It is a custom in most countries where the inhabitants have long hair, for the men to cut it short, and the women to pride themselves in its length.  Here, however, the contrary custom prevails; the women always cut it short round their ears, and the men, except the fishers, who are almost continually in the water, suffer it to flow in large waves over their shoulders, or tie it up in a bunch on the top of their heads.

They have a custom also of anointing their heads with what they call monoe, an oil expressed from the cocoa-nut, in which some sweet herbs or flowers have been infused:  As the oil is generally rancid, the smell is at first very disagreeable to a European; and as they live in a hot country, and have no such thing as a comb, they are not able to keep their heads free from lice, which the children and common people sometimes pick out and eat; a hateful custom, wholly different from their manners in every other particular; for they are delicate and cleanly almost without example, and those to whom we distributed combs, soon delivered themselves from vermin, with a diligence which showed that they were not more odious to us than to them.[5]

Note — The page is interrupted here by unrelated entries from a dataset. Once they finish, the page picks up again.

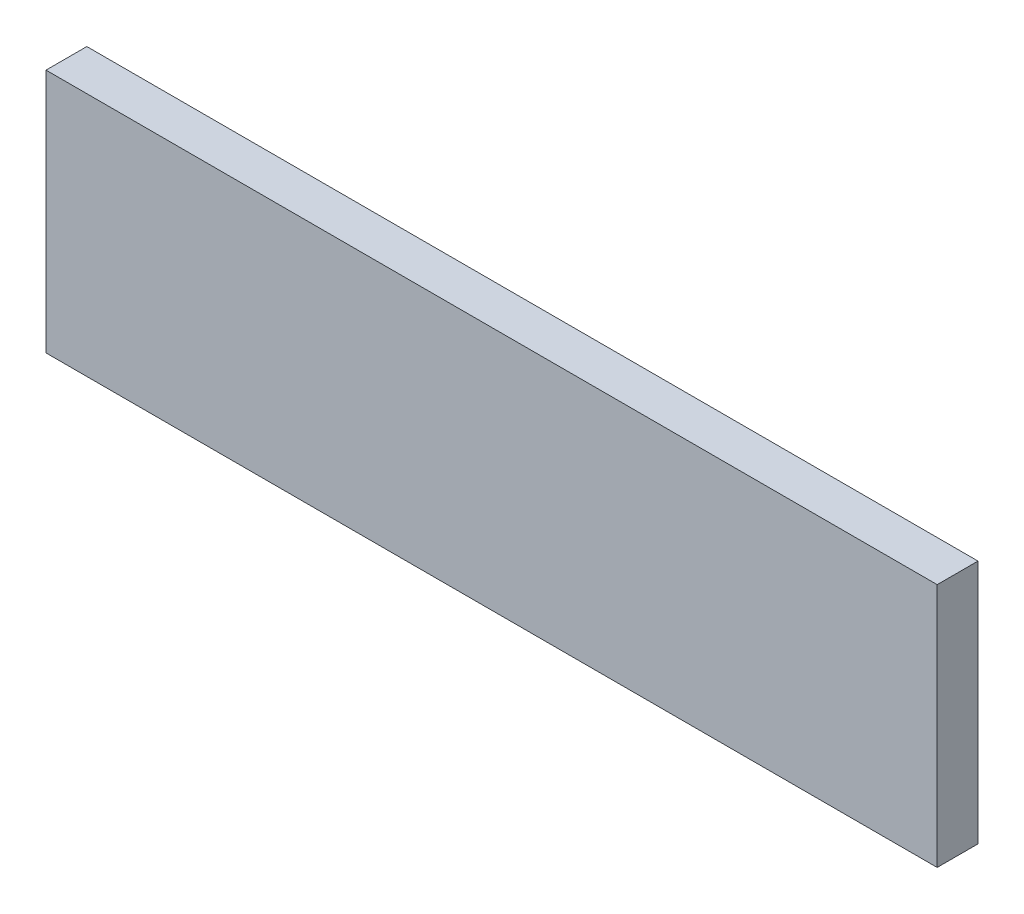
from build123d import *

# Parameters (mm, degrees)
SKETCH_1_W      = 218.3
SKETCH_1_H      = 60
EXTRUDE_1_DEPTH = 10


with BuildPart() as part:
    # 草图1 → 凸台-拉伸1 (new body)
    with BuildSketch(Plane.XY):
        Rectangle(SKETCH_1_W, SKETCH_1_H)
    extrude(amount=EXTRUDE_1_DEPTH)


solid = part.part

[Footnote 5:  This remark is scarcely consistent with what is related in the missionary account, by which it appears that these vermin are considered by the Otaheitans much in the same light as certain animals were once in our own land, viz. royal property.  The passage is too curious to be omitted.  It displays a very remarkable instance of that ease and elegance, with which crowned heads can occasionally employ themselves for the good of their subjects.  “The mode of carrying the king and queen is with their legs hanging down before, seated on the shoulders and leaning on the head of their carriers, and very frequently amusing themselves with picking out the vermin which there abound.  It is the singular privilege of the queen, that of all women, she alone may eat them; which privilege she never fails to make use of.”  Such hunting excursions are surely much more commendable, because much more innocent in their own nature and more beneficial in their results, than those practised amongst ourselves, at the risque of neck and limbs, and to the still more important detriment of the farmer’s gates and fences.  The point of privilege, perhaps, is less capable of defence—­admitting, however, for a moment, that pre-eminence of station and office entitles the holder to singularity of inclination and conduct, as it is certainly allowed to do in the case of some other sovereigns, the question then becomes a mere matter of taste, and it is ungenerous to deny the Otaheitan queen the benefit of the old maxim, de gustibus non est disputandum.—­E.]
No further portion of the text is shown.